Primeiro Capítulo: Drácula

Capítulo I

Drácula Texto Integral
196 páginas

ISBN:
978-85-66798-12-8


Preço: R$ 3,99

3 de maio. Bistritz — Parti de Munique às 8:35 da noite e cheguei a Viena na manhã seguinte, muito cedo; devia ter chegado às 6:46, mas o trem estava atrasado uma hora. Tive ótima impressão de Budapeste, pelo que pude ver do trem, e pelo pequeno passeio que dei pela cidade. A impressão que tive foi a de estar saindo do Ocidente e entrando no Oriente.

O tempo estava muito bom quando partimos e, ao anoitecer, chegamos a Klausenburg, onde passei a noite no Hotel Royale. Ali jantei, ou melhor, ceei, uma excelente galinha temperada com uma espécie de pimenta vermelha. (Nota: arranjar receita para Mina.) Meu alemão, embora eu o fale mal, me foi muito útil; para falar a verdade, não sei como me arranjaria sem ele.

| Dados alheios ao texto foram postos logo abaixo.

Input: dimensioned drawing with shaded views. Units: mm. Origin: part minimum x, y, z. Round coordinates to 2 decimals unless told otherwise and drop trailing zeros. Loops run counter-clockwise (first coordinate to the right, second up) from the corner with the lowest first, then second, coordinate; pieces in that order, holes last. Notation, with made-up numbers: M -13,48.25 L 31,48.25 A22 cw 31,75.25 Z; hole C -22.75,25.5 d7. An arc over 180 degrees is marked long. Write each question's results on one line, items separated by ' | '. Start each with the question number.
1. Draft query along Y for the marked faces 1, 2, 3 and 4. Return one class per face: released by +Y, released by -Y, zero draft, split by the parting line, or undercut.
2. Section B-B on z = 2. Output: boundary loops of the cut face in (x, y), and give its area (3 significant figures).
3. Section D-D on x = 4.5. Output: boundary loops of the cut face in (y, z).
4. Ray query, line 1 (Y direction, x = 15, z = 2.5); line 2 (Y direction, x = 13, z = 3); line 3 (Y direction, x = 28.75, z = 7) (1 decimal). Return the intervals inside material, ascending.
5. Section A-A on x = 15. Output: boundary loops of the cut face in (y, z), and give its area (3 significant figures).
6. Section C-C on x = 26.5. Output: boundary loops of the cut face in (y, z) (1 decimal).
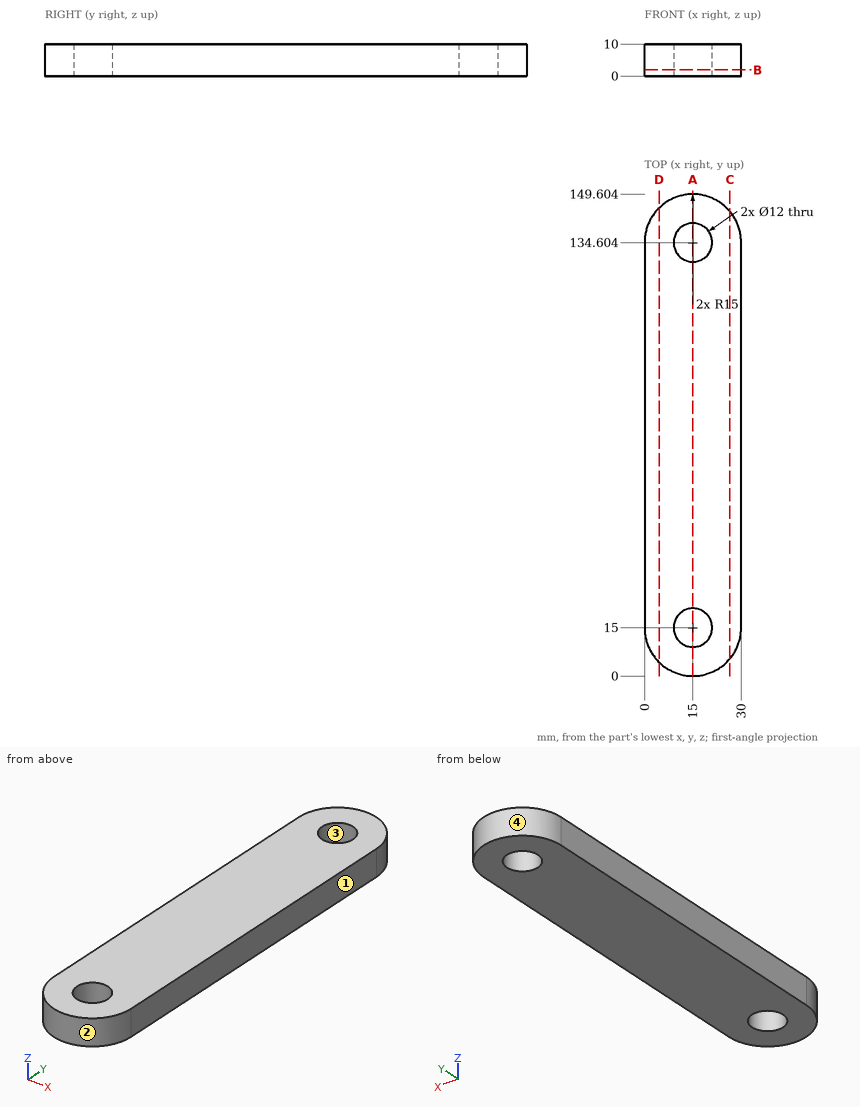
Taken from the geometry:
1) face 1: zero draft | face 2: released by -Y | face 3: undercut | face 4: released by +Y
2) outline: M 0,15 A15 ccw 30,15 L 30,134.6 A15 ccw 0,134.6 Z; hole C 15,15 d12; hole C 15,134.6 d12 | area: 4,070 mm^2
3) outline: M 4.29,0 L 145.32,0 L 145.32,10 L 4.29,10 Z
4) line 1: 0 to 9, 21 to 128.6, 140.6 to 149.6 | line 2: 0.13 to 9.34, 20.66 to 128.95, 140.26 to 149.47 | line 3: 9 to 140.6
5) outline: M 0,0 L 9,0 L 9,10 L 0,10 Z; M 21,0 L 128.6,0 L 128.6,10 L 21,10 Z; M 140.6,0 L 149.6,0 L 149.6,10 L 140.6,10 Z | area: 1,260 mm^2
6) outline: M 5.4,0 L 144.2,0 L 144.2,10 L 5.4,10 Z

Antes de partir de Londres, como dispunha de algum tempo, fiz uma visita ao Museu Britânico, onde consultei livros e mapas referentes à Transilvânia. Descobri que a região por ele mencionada fica perto das fronteiras de três Estados: Transilvânia, Moldávia e Bucovina, nos Montes Cárpatos, um dos lugares mais selvagens e menos conhecidos da Europa. Não consegui localizar, exatamente, o Castelo de Drácula, mas verifiquei que Bistritz, a localidade mencionada pelo Conde Drácula, é bem conhecida. Vou recorrer aqui a algumas das minhas notas, pois elas poderão refrescar-me a memória, quando conversar com Mina a respeito das minhas viagens.

A população da Transilvânia se compõe de quatro nacionalidades: os saxões, ao sul, e misturados com os valáquios, descendentes dos dácios; os magiares, a oeste, e os zequelis, a leste e norte. Estou viajando para a região habitada por estes últimos, que se dizem descendentes de Átila e dos hunos. Segundo li, existem ali as mais curiosas superstições do mundo. (Nota: falar ao Conde a esse respeito.)

Não dormi bem, apesar de minha cama ser bastante confortável, pois fui perturbado, por sonhos esquisitos. Durante a noite inteira, um cão ladrou sob a minha janela, e talvez tenha sido ele que me prejudicou o sono, ou, talvez, tenha sido a pimenta que comi no jantar. O fato é que bebi um frasco de água inteirinho, pois senti uma sede ardente.

Somente quando já estava quase amanhecendo foi que consegui conciliar o sono e fui despertado por pancadas repetidas na porta do quarto, de maneira que acho que estava, mesmo, dormindo profundamente.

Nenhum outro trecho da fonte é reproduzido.